Secondly, [2] provides a great tutorial on how to implement negative sampling. The source code there is as follows:
posTrainSet = []
# add positive examples
for document in corpus:
for i in range(1, len(document)-1):
word = word_to_ix[document[i]]
context_words = [word_to_ix[document[i-1]], word_to_ix[document[i+1]]]
for context in context_words:
posTrainSet.append((word, context))
n_pos_examples = len(posTrainSet)
# add the same number of negative examples
n_neg_examples = 0
negTrainSet = []
while n_neg_examples < n_pos_examples:
(word, context) = generate_negative_sample(wordProb)
# convert to indicies
word, context = word_to_ix[word], word_to_ix[context]
if (word, context) not in posTrainSet:
negTrainSet.append((word, context))
n_neg_examples += 1
X = np.concatenate([np.array(posTrainSet), np.array(negTrainSet)], axis=0)
y = np.concatenate([[1]*n_pos_examples, [0]*n_neg_examples])
N_WORDS = len(word_to_ix.keys())
embedding_layer = layers.Embedding(N_WORDS, EMBEDDING_DIM,
embeddings_initializer="RandomNormal",
input_shape=(2,))
from tensorflow import keras
from tensorflow.keras import layers
from keras.models import Model
model = keras.Sequential([
embedding_layer,
layers.GlobalAveragePooling1D(),
layers.Dense(1, activation='sigmoid'),
])
model.compile(optimizer='adam',
loss='binary_crossentropy',
metrics=['accuracy'])
history = model.fit(X,y, batch_size=X.shape[0])

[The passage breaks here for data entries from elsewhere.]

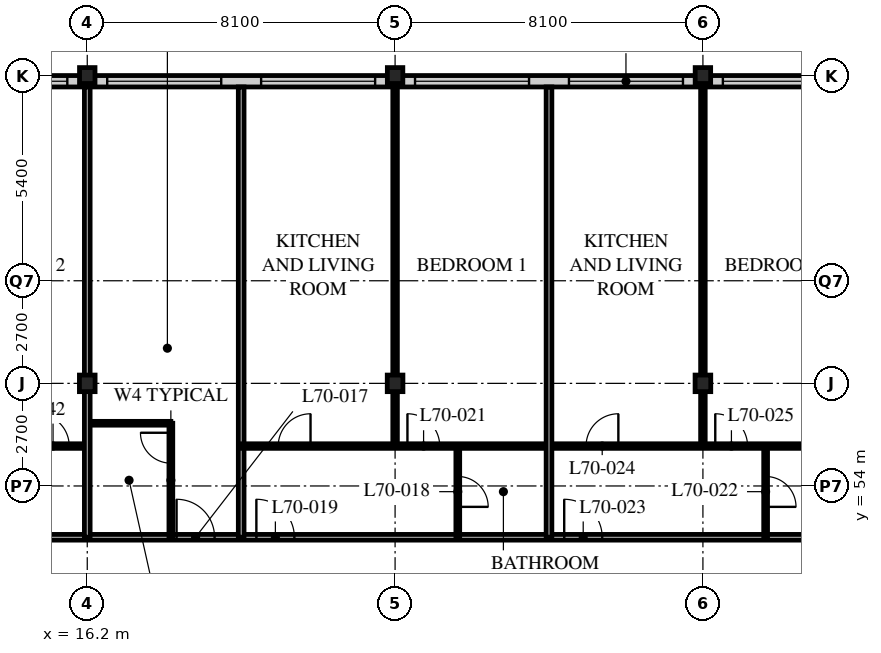
"""IFC4 building model, lengths in metres.
Left out: names, types, materials, properties, quantities, classifications, styles, units other than length and angle.
Written with IfcOpenShell. Run it as: python <this file> out.ifc"""

import sys

from ifc_helpers import new_model, si_unit, direction, frame, frame_2d, origin, origin_2d, place, context, subcontext, project, spatial, rectangle, i_section, extrude, element, fill, save


model = new_model("IFC4")
c1 = context("Model", 3, precision=1e-05, world=origin(), true_north=direction((0.0, 1.0)))
c2 = subcontext(c1, "Body", "Model", "MODEL_VIEW")
j1 = project(units=[si_unit("LENGTHUNIT", "METRE"), si_unit("PLANEANGLEUNIT", "RADIAN")], contexts=[c1])
p1 = place(None, origin())
s1 = spatial("IfcSite", under=j1, at=p1, CompositionType="ELEMENT")
p2 = place(p1, origin())
s2 = spatial("IfcBuilding", under=s1, at=p2, CompositionType="ELEMENT")
p3 = place(p2, frame((0.0, 0.0, 273.6)))
s3 = spatial("IfcBuildingStorey", under=s2, at=p3, CompositionType="ELEMENT", Elevation=273.6)
p4 = place(p3, frame((16.2, 56.7, 0.0), z_axis=(0.0, 0.0, 1.0), x_axis=(1.0, 0.0, 0.0)))
e1 = element("IfcColumn", 1, at=p4, inside=s3, PredefinedType="COLUMN", context=c2, shape_type="SweptSolid", body=[
    extrude(i_section(OverallWidth=0.412, OverallDepth=0.437, WebThickness=0.036, FlangeThickness=0.058, FilletRadius=0.015, at=origin_2d()), origin(), (0.0, 0.0, 1.0), 3.9),
])
p5 = place(p3, frame((16.2, 64.8, 0.0), z_axis=(0.0, 0.0, 1.0), x_axis=(1.0, 0.0, 0.0)))
e2 = element("IfcColumn", 2, at=p5, inside=s3, PredefinedType="COLUMN", context=c2, shape_type="SweptSolid", body=[
    extrude(i_section(OverallWidth=0.407, OverallDepth=0.419, WebThickness=0.031, FlangeThickness=0.049, FilletRadius=0.015, at=origin_2d()), origin(), (0.0, 0.0, 1.0), 3.9),
])
p6 = place(p3, frame((24.3, 56.7, 0.0), z_axis=(0.0, 0.0, 1.0), x_axis=(1.0, 0.0, 0.0)))
e3 = element("IfcColumn", 3, at=p6, inside=s3, PredefinedType="COLUMN", context=c2, shape_type="SweptSolid", body=[
    extrude(i_section(OverallWidth=0.412, OverallDepth=0.437, WebThickness=0.036, FlangeThickness=0.058, FilletRadius=0.015, at=origin_2d()), origin(), (0.0, 0.0, 1.0), 3.9),
])
p7 = place(p3, frame((24.3, 64.8, 0.0), z_axis=(0.0, 0.0, 1.0), x_axis=(1.0, 0.0, 0.0)))
e4 = element("IfcColumn", 4, at=p7, inside=s3, PredefinedType="COLUMN", context=c2, shape_type="SweptSolid", body=[
    extrude(i_section(OverallWidth=0.407, OverallDepth=0.419, WebThickness=0.031, FlangeThickness=0.049, FilletRadius=0.015, at=origin_2d()), origin(), (0.0, 0.0, 1.0), 3.9),
])
p8 = place(p3, frame((32.4, 56.7, 0.0), z_axis=(0.0, 0.0, 1.0), x_axis=(1.0, 0.0, 0.0)))
e5 = element("IfcColumn", 5, at=p8, inside=s3, PredefinedType="COLUMN", context=c2, shape_type="SweptSolid", body=[
    extrude(i_section(OverallWidth=0.412, OverallDepth=0.437, WebThickness=0.036, FlangeThickness=0.058, FilletRadius=0.015, at=origin_2d()), origin(), (0.0, 0.0, 1.0), 3.9),
])
p9 = place(p3, frame((32.4, 64.8, 0.0), z_axis=(0.0, 0.0, 1.0), x_axis=(1.0, 0.0, 0.0)))
e6 = element("IfcColumn", 6, at=p9, inside=s3, PredefinedType="COLUMN", context=c2, shape_type="SweptSolid", body=[
    extrude(i_section(OverallWidth=0.407, OverallDepth=0.419, WebThickness=0.031, FlangeThickness=0.049, FilletRadius=0.015, at=origin_2d()), origin(), (0.0, 0.0, 1.0), 3.9),
])
p10 = place(p3, frame((48.3, 64.65, 0.0), z_axis=(0.0, 0.0, 1.0), x_axis=(-1.0, 0.0, 0.0)))
e7 = element("IfcWall", 7, at=p10, inside=s3, PredefinedType="SOLIDWALL", context=c2, shape_type="SweptSolid", body=[
    extrude(rectangle(XDim=40.2, YDim=0.3, at=frame_2d((20.1, 0.0))), origin(), (0.0, 0.0, 1.0), 3.69),
])
p11 = place(p10, frame((0.225, 0.0, 0.6)))
e8 = element("IfcOpeningElement", 8, at=p11, cuts=e7, PredefinedType="OPENING", context=c2, shape_type="SweptSolid", body=[
    extrude(rectangle(XDim=3.0, YDim=2.4, at=frame_2d((1.5, 1.2))), frame((0.0, 0.16, 0.0), z_axis=(0.0, -1.0, 0.0), x_axis=(1.0, 0.0, 0.0)), (0.0, 0.0, 1.0), 0.32),
])
p12 = place(p10, frame((4.275, 0.0, 0.6)))
e9 = element("IfcOpeningElement", 9, at=p12, cuts=e7, PredefinedType="OPENING", context=c2, shape_type="SweptSolid", body=[
    extrude(rectangle(XDim=3.0, YDim=2.4, at=frame_2d((1.5, 1.2))), frame((0.0, 0.16, 0.0), z_axis=(0.0, -1.0, 0.0), x_axis=(1.0, 0.0, 0.0)), (0.0, 0.0, 1.0), 0.32),
])
p13 = place(p10, frame((8.325, 0.0, 0.6)))
e10 = element("IfcOpeningElement", 10, at=p13, cuts=e7, PredefinedType="OPENING", context=c2, shape_type="SweptSolid", body=[
    extrude(rectangle(XDim=3.0, YDim=2.4, at=frame_2d((1.5, 1.2))), frame((0.0, 0.16, 0.0), z_axis=(0.0, -1.0, 0.0), x_axis=(1.0, 0.0, 0.0)), (0.0, 0.0, 1.0), 0.32),
])
p14 = place(p10, frame((12.375, 0.0, 0.6)))
e11 = element("IfcOpeningElement", 11, at=p14, cuts=e7, PredefinedType="OPENING", context=c2, shape_type="SweptSolid", body=[
    extrude(rectangle(XDim=3.0, YDim=2.4, at=frame_2d((1.5, 1.2))), frame((0.0, 0.16, 0.0), z_axis=(0.0, -1.0, 0.0), x_axis=(1.0, 0.0, 0.0)), (0.0, 0.0, 1.0), 0.32),
])
p15 = place(p10, frame((16.425, 0.0, 0.6)))
e12 = element("IfcOpeningElement", 12, at=p15, cuts=e7, PredefinedType="OPENING", context=c2, shape_type="SweptSolid", body=[
    extrude(rectangle(XDim=3.0, YDim=2.4, at=frame_2d((1.5, 1.2))), frame((0.0, 0.16, 0.0), z_axis=(0.0, -1.0, 0.0), x_axis=(1.0, 0.0, 0.0)), (0.0, 0.0, 1.0), 0.32),
])
p16 = place(p10, frame((20.475, 0.0, 0.6)))
e13 = element("IfcOpeningElement", 13, at=p16, cuts=e7, PredefinedType="OPENING", context=c2, shape_type="SweptSolid", body=[
    extrude(rectangle(XDim=3.0, YDim=2.4, at=frame_2d((1.5, 1.2))), frame((0.0, 0.16, 0.0), z_axis=(0.0, -1.0, 0.0), x_axis=(1.0, 0.0, 0.0)), (0.0, 0.0, 1.0), 0.32),
])
p17 = place(p10, frame((24.525, 0.0, 0.6)))
e14 = element("IfcOpeningElement", 14, at=p17, cuts=e7, PredefinedType="OPENING", context=c2, shape_type="SweptSolid", body=[
    extrude(rectangle(XDim=3.0, YDim=2.4, at=frame_2d((1.5, 1.2))), frame((0.0, 0.16, 0.0), z_axis=(0.0, -1.0, 0.0), x_axis=(1.0, 0.0, 0.0)), (0.0, 0.0, 1.0), 0.32),
])
p18 = place(p10, frame((28.575, 0.0, 0.6)))
e15 = element("IfcOpeningElement", 15, at=p18, cuts=e7, PredefinedType="OPENING", context=c2, shape_type="SweptSolid", body=[
    extrude(rectangle(XDim=3.0, YDim=2.4, at=frame_2d((1.5, 1.2))), frame((0.0, 0.16, 0.0), z_axis=(0.0, -1.0, 0.0), x_axis=(1.0, 0.0, 0.0)), (0.0, 0.0, 1.0), 0.32),
])
p19 = place(p10, frame((32.625, 0.0, 0.6)))
e16 = element("IfcOpeningElement", 16, at=p19, cuts=e7, PredefinedType="OPENING", context=c2, shape_type="SweptSolid", body=[
    extrude(rectangle(XDim=3.0, YDim=2.4, at=frame_2d((1.5, 1.2))), frame((0.0, 0.16, 0.0), z_axis=(0.0, -1.0, 0.0), x_axis=(1.0, 0.0, 0.0)), (0.0, 0.0, 1.0), 0.32),
])
p20 = place(p10, frame((36.675, 0.0, 0.6)))
e17 = element("IfcOpeningElement", 17, at=p20, cuts=e7, PredefinedType="OPENING", context=c2, shape_type="SweptSolid", body=[
    extrude(rectangle(XDim=3.0, YDim=2.4, at=frame_2d((1.5, 1.2))), frame((0.0, 0.16, 0.0), z_axis=(0.0, -1.0, 0.0), x_axis=(1.0, 0.0, 0.0)), (0.0, 0.0, 1.0), 0.32),
])
p21 = place(p3, frame((12.15, 52.65, 0.0), z_axis=(0.0, 0.0, 1.0), x_axis=(1.0, 0.0, 0.0)))
e18 = element("IfcWall", 18, at=p21, inside=s3, PredefinedType="PARTITIONING", context=c2, shape_type="SweptSolid", body=[
    extrude(rectangle(XDim=24.3, YDim=0.15, at=frame_2d((12.15, 0.0))), origin(), (0.0, 0.0, 1.0), 3.69),
])
p22 = place(p21, frame((6.4, 0.0, 0.0)))
e19 = element("IfcOpeningElement", 19, at=p22, cuts=e18, PredefinedType="OPENING", context=c2, shape_type="SweptSolid", body=[
    extrude(rectangle(XDim=1.0, YDim=2.1, at=frame_2d((0.5, 1.05))), frame((0.0, 0.085, 0.0), z_axis=(0.0, -1.0, 0.0), x_axis=(1.0, 0.0, 0.0)), (0.0, 0.0, 1.0), 0.17),
])
p23 = place(p21, frame((8.5, 0.0, 0.0)))
e20 = element("IfcOpeningElement", 20, at=p23, cuts=e18, PredefinedType="OPENING", context=c2, shape_type="SweptSolid", body=[
    extrude(rectangle(XDim=1.0, YDim=2.1, at=frame_2d((0.5, 1.05))), frame((0.0, 0.085, 0.0), z_axis=(0.0, -1.0, 0.0), x_axis=(1.0, 0.0, 0.0)), (0.0, 0.0, 1.0), 0.17),
])
p24 = place(p21, frame((16.6, 0.0, 0.0)))
e21 = element("IfcOpeningElement", 21, at=p24, cuts=e18, PredefinedType="OPENING", context=c2, shape_type="SweptSolid", body=[
    extrude(rectangle(XDim=1.0, YDim=2.1, at=frame_2d((0.5, 1.05))), frame((0.0, 0.085, 0.0), z_axis=(0.0, -1.0, 0.0), x_axis=(1.0, 0.0, 0.0)), (0.0, 0.0, 1.0), 0.17),
])
p25 = place(p21, frame((1.525, 0.0, 0.0)))
e22 = element("IfcOpeningElement", 22, at=p25, cuts=e18, PredefinedType="OPENING", context=c2, shape_type="SweptSolid", body=[
    extrude(rectangle(XDim=1.0, YDim=2.1, at=frame_2d((0.5, 1.05))), frame((0.0, 0.085, 0.0), z_axis=(0.0, -1.0, 0.0), x_axis=(1.0, 0.0, 0.0)), (0.0, 0.0, 1.0), 0.17),
])
p26 = place(p3, frame((16.2, 55.65, 0.0), z_axis=(0.0, 0.0, 1.0), x_axis=(1.0, 0.0, 0.0)))
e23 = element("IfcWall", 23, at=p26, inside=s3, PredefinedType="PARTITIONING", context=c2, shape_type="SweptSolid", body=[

First of all, don’t they use one negative sample per positive sample? Second, I do not understand how here and in general with negative sampling the embedding layer works. Without negative sampling, we considered the input as the one-hot encoded vector of a word and therefore, one row in our weight matrix of the embedding layer corresponded to the word embedding. In negative sampling, we input two words into the neural network. How does that even work? In this case, we set the input dimensions of the embedding layer to 2, but given the tuple (center word, context word), why would we want to input the context word into the word embedding layer (without negative samplings, we had context embeddings) and I don’t understand how the output of the embedding layer works if we input it two words instead of one. It has to return a single embedding in the end. So this question has two sides, first, I do not understand the general idea of inputting a tuple of words into the NN and second, I don’t see how this implementation approaches this problem.
Thank you very much!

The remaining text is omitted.